At the same time, he knows dinosaur exhibits are still a hot commodity for museums like the Witte. 

“Turns out dinosaurs are really popular, and people want to see them,” he said. “And so one of the biggest requests we get are (for) more dinosaurs.”

The value of fiction

Three decades after Steven Spielberg’s groundbreaking 1993 adventure awakened a passion for paleontology inside Adams and many others, he still credits the series with helping to get young moviegoers interested in the world of dinosaurs and science at large. 

Even if he’s also routinely correcting some misconceptions about some of the movies’ most iconic monsters. For one thing: The T-Rex’s vision wasn’t limited to movement, so standing still in front of one wouldn’t do much to save your skin. 

“I do have to tell people the velociraptor is not a big carnivorous dinosaur like they portray,” Adams adds. “It's actually small, it's probably about the size of a collie. It would have been fully covered with long feathers off of its arms that would look like wings, even though it probably couldn't fly. So it's a very different looking animal than what you see in the movies. That's usually a shock for most people.”

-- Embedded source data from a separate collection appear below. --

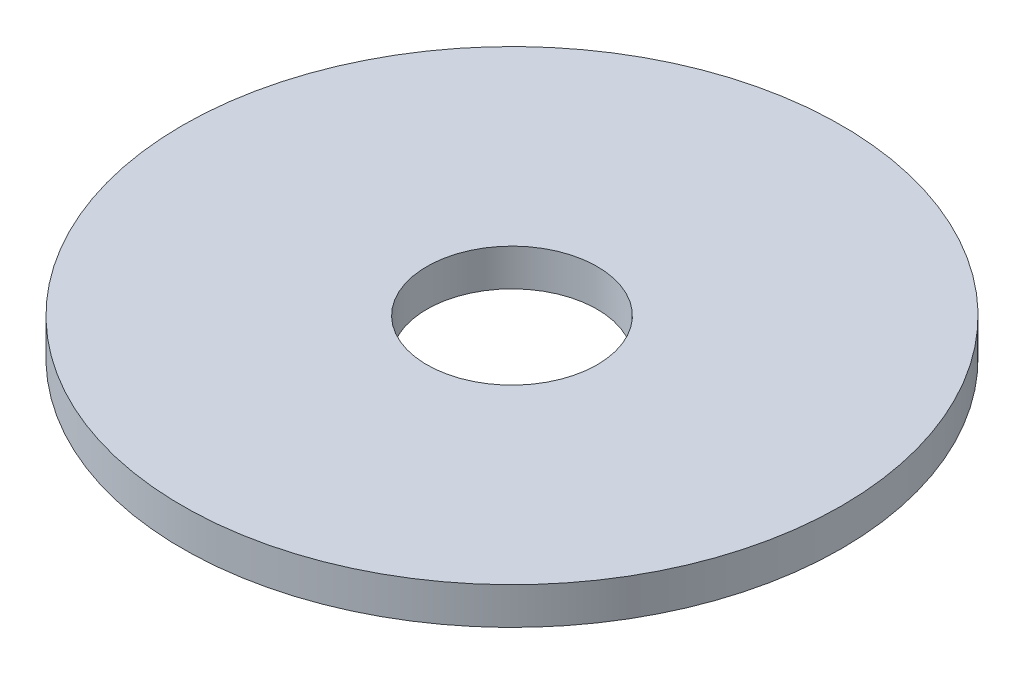
from build123d import *

# Parameters (mm, degrees)
SKETCH1_W = 33
SKETCH1_H = 5


with BuildPart() as part:
    # Sketch1 → Revolve1 (revolve)
    with BuildSketch(Plane.XY):
        with Locations((28, 2.5)):
            Rectangle(SKETCH1_W, SKETCH1_H)
    revolve(axis=Axis((0, -799.868766404, 0), (0, 1, 0)))


solid = part.part

But the way he sees it, correcting the record on Hollywood’s artistic license is a small price to pay for the next generation of diggers to dig into the field. 

“To be honest, there's nothing accurate about any of the dinosaurs that are in any of the 'Jurassic Park' movies, but that doesn't mean we don't love them. I owe everything to them. And what they do instead is they create excitement. That's what benefits me; it also benefits the museums and other institutions.”

Having caught a sneak preview of “Jurassic World: Dominion” – the sixth entry in the franchise that releases in theaters Friday – Adams is optimistic about a renewed wave of excitement. One of the featured dinos stalking the movie’s characters, he says, is the Quetzalcoatlus, which, while “too big, but that’s OK,” ruled the skies over what we now call home. 

Along with the “amazing” Acrocanthosaurus, the “magnificent” Alamosaurus and the “giant” Deinosuchus, Quetzalcoatlus is one of several representations of dinosaurs believed to have lived in Texas that Witte visitors can explore in the museum’s galleries right now. 

“It's the largest animal to ever fly ever, (and it) was discovered in Texas first.”

Just as important to Adams as showcasing the largest animals to have roamed North America is establishing a context to the age of the dinosaurs—the changing environmental conditions that resulted in the land as it exists today, and the kinds of species who could and would rule it. 

Meanwhile, the research continues for Adams, as well as his mission of sharing his own passion that sparked with a trip to the movies in 1993. In a constantly evolving field, he says, there’s no shortage of the possibilities when it comes to imagining how dinosaurs roamed where the Witte now stands millions and millions of years ago. 

“The potential to do more is there,” he said, citing new developments helping researchers determine things like the color of dinosaurs’ feathers and which were cold-blooded versus warm-blooded. “We're going to have great more discoveries coming out of the field of paleontology.”